How a mathematical fluid dynamics model (in most cases we solved and analysis through Navier Stokes equations and graphs) directly connect to physical models (experimental work) like mechanical ones are doing?
The Navier Stokes equations are developed based on mathematical relationships (vector calculus and differential /integral equations) for analyzing dynamic behavior of a fluid in physical systems (environments) to a very high accuracy using the primitive variables, e.g. pressure, velocity, density and viscosity
These variables are considered fundamental to any fluid and its characteristics truly represent the actual system which change with varying boundary conditions according to complexity of physical model.
Though in experiment work, the conditions represent the same model, it may involve additional factors such as errors during measurement of physical quantities. Essentially there always exist some differences between computed solutions and experiment work or results to validate the model entities.
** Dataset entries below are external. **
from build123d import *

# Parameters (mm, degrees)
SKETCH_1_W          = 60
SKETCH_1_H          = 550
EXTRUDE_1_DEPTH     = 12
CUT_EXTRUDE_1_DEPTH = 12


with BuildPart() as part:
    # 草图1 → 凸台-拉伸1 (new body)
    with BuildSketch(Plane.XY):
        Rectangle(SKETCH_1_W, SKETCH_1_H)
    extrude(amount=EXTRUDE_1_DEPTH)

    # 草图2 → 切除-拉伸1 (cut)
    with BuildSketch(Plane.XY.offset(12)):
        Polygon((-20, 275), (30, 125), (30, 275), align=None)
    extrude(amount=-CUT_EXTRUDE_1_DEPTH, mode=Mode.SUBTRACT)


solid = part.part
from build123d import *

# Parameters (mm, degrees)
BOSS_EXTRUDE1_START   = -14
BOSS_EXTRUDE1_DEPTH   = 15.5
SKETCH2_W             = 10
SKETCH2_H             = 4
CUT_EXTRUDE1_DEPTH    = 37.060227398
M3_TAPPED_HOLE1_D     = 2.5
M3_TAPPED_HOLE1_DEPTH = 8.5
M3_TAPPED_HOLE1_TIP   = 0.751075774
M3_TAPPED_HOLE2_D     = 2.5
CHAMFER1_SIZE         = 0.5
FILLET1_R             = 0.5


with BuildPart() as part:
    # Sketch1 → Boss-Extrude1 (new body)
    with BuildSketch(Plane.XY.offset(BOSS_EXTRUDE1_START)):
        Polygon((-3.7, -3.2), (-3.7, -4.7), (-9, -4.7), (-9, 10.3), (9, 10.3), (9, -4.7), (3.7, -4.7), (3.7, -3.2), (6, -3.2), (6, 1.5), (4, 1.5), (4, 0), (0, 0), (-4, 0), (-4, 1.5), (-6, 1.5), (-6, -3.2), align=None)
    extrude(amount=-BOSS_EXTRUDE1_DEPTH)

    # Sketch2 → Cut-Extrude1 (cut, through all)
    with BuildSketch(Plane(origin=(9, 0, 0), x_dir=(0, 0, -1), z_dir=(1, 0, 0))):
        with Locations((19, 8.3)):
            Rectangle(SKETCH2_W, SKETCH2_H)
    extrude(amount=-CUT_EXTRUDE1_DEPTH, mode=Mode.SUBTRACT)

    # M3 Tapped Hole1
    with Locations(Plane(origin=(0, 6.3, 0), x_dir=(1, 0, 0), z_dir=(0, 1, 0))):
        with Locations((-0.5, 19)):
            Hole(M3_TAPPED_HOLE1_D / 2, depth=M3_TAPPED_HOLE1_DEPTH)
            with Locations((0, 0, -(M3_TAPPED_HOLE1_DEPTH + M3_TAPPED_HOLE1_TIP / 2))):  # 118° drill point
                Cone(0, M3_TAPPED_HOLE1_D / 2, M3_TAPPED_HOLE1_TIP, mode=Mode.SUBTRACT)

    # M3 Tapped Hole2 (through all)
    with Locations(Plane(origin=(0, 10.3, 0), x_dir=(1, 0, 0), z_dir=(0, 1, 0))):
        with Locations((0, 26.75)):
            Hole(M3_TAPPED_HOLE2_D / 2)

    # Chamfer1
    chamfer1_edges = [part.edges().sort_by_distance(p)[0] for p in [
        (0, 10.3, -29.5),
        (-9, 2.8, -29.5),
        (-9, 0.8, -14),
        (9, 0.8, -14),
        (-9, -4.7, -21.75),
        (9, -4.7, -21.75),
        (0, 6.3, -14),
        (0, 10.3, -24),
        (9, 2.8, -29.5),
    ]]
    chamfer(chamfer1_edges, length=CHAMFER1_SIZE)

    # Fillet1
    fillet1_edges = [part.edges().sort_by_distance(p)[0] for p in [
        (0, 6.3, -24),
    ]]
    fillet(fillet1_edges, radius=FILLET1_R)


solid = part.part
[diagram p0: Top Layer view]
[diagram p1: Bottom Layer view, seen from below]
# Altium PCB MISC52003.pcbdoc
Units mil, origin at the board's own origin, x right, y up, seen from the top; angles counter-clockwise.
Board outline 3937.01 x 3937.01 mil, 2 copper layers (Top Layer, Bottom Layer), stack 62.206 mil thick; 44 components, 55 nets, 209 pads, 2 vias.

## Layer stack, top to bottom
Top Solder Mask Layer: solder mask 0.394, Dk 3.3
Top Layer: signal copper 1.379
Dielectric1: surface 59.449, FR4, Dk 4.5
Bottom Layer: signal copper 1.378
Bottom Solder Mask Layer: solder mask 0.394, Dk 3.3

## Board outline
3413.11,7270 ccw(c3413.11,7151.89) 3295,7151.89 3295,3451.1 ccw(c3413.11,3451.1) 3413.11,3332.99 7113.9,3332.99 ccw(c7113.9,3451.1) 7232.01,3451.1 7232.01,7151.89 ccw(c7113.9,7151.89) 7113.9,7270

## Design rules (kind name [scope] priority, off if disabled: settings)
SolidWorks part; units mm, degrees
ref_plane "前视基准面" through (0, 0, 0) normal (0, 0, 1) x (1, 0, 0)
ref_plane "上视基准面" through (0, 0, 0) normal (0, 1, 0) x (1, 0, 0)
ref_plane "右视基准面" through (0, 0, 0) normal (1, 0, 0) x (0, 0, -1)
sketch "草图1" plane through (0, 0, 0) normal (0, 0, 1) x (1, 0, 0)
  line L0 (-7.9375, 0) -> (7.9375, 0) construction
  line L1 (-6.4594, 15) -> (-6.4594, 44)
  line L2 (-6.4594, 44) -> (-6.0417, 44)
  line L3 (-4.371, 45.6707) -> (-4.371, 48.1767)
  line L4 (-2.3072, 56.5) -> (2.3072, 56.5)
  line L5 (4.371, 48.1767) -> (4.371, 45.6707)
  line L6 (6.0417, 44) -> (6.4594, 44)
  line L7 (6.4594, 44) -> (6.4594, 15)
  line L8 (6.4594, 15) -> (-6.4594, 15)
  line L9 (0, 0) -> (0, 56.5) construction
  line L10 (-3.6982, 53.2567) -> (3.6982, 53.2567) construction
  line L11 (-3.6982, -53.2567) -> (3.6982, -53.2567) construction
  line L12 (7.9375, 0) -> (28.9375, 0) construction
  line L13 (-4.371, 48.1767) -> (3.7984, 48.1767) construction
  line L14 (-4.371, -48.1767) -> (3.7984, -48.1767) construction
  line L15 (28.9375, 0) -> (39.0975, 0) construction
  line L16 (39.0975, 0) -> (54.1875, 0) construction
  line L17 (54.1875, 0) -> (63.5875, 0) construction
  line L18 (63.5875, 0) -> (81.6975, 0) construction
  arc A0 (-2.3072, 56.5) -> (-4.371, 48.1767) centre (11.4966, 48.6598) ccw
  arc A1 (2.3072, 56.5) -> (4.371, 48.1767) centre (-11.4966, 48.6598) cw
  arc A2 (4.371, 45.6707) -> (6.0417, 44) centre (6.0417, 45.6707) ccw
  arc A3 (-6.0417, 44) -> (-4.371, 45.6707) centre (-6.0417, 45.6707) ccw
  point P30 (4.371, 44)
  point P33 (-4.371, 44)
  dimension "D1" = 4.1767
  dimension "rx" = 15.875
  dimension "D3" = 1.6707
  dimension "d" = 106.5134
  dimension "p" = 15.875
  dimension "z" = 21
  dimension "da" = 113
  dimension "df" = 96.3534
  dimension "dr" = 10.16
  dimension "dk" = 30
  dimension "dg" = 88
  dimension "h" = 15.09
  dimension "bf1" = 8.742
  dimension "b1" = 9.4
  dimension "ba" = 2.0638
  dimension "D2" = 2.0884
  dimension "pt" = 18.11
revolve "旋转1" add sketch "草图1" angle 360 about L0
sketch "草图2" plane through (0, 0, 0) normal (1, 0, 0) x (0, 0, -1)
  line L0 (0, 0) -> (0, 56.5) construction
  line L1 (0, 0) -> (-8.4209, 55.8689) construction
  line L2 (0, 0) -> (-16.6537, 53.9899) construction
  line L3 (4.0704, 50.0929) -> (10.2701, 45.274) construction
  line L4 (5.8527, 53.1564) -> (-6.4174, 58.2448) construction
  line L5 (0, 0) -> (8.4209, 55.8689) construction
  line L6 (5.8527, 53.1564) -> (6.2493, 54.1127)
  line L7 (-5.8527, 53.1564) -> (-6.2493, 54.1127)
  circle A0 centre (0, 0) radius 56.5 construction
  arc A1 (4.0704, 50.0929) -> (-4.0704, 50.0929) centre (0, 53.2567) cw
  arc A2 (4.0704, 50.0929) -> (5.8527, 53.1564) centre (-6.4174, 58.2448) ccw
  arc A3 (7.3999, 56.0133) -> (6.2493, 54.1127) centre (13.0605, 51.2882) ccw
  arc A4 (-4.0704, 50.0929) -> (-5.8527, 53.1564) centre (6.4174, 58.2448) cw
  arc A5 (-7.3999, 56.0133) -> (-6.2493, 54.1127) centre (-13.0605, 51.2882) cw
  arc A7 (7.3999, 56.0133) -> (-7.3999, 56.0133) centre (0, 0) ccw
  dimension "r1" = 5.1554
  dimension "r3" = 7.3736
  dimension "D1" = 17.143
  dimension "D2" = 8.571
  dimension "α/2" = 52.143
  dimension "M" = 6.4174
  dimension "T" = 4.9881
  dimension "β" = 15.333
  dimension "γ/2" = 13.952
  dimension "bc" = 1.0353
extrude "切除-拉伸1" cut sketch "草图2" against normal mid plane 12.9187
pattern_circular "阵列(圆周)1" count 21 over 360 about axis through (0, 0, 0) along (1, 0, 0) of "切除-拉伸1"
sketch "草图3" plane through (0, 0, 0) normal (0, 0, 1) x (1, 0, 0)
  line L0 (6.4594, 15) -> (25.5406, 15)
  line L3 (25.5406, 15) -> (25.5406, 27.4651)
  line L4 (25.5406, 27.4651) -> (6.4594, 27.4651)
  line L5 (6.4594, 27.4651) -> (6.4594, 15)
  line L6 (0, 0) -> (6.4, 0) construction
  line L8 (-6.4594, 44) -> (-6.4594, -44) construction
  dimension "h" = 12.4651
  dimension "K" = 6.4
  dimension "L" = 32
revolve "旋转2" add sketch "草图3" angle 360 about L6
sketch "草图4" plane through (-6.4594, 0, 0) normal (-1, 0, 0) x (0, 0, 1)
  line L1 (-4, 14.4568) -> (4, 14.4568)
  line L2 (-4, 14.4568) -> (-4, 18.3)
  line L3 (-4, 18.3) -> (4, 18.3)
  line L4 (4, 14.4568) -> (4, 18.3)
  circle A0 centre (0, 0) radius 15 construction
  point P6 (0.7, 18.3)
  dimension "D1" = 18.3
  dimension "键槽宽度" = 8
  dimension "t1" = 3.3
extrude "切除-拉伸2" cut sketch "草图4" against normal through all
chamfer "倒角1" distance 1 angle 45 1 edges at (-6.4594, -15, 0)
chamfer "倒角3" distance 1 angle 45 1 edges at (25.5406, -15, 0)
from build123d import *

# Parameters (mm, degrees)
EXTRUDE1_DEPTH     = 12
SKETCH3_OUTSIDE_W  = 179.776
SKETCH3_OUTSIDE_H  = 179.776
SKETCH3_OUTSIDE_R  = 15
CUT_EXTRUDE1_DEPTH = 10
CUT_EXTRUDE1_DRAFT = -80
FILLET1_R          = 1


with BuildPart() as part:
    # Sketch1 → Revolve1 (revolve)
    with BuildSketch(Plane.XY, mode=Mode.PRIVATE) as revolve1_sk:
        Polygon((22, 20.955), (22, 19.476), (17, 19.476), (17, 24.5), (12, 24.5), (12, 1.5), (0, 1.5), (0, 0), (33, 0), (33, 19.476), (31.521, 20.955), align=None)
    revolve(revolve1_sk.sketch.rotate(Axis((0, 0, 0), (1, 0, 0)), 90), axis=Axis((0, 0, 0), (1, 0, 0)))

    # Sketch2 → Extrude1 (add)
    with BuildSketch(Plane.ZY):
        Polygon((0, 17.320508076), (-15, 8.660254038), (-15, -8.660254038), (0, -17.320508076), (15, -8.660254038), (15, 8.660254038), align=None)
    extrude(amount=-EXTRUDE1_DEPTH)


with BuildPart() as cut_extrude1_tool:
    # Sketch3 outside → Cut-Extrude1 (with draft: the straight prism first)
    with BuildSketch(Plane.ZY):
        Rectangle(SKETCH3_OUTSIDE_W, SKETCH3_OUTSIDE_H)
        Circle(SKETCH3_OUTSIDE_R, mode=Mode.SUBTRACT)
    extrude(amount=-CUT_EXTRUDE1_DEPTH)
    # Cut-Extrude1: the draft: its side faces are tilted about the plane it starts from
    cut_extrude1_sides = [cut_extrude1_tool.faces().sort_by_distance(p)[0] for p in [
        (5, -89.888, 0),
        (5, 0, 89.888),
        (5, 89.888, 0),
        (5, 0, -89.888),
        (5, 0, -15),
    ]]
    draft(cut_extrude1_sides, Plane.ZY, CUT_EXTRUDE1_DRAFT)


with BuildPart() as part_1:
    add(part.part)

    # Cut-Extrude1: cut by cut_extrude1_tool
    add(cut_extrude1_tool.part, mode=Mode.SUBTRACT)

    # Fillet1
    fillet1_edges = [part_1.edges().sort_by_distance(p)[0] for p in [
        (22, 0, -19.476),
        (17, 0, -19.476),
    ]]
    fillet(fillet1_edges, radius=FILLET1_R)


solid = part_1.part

Hence, the whole idea behind the development of mathematical fluid dynamic model using N-S equations was to understand and investigate these scientific intricacies with more detail and clarity.
Integrating a mathematical fluid dynamics model with experimental data involves combining theoretical equations with real-world observations. Initially, a mathematical model is developed based on fundamental fluid dynamics principles, considering factors such as Navier-Stokes equations, continuity equations, and boundary conditions.
The model parameters are then calibrated and validated against experimental data. This involves adjusting the model's coefficients to best match the observed behavior in experiments. The calibration process fine-tunes the model's predictions, ensuring it accurately represents the physical phenomena under investigation.
Once calibrated, the model can be used to simulate scenarios beyond the experimental conditions, providing insights into the system's behavior under various circumstances. This integration allows researchers to extrapolate findings, optimize designs, or predict outcomes beyond the scope of the actual experiments.
It's crucial to note that the success of this integration depends on the accuracy of the mathematical model, the quality of experimental data, and the thoroughness of the calibration process. Continuous refinement and validation against new experimental data are essential to enhance the model's predictive capabilities and ensure its reliability in diverse scenarios.
Both experimental and numerical procedures are constrained by several htpotheses. Those constitute a model, you need to prescribe the math that fulfills the experinental model to have a congruent result.
if you have a more specific flow problem, the discussione could be more focused.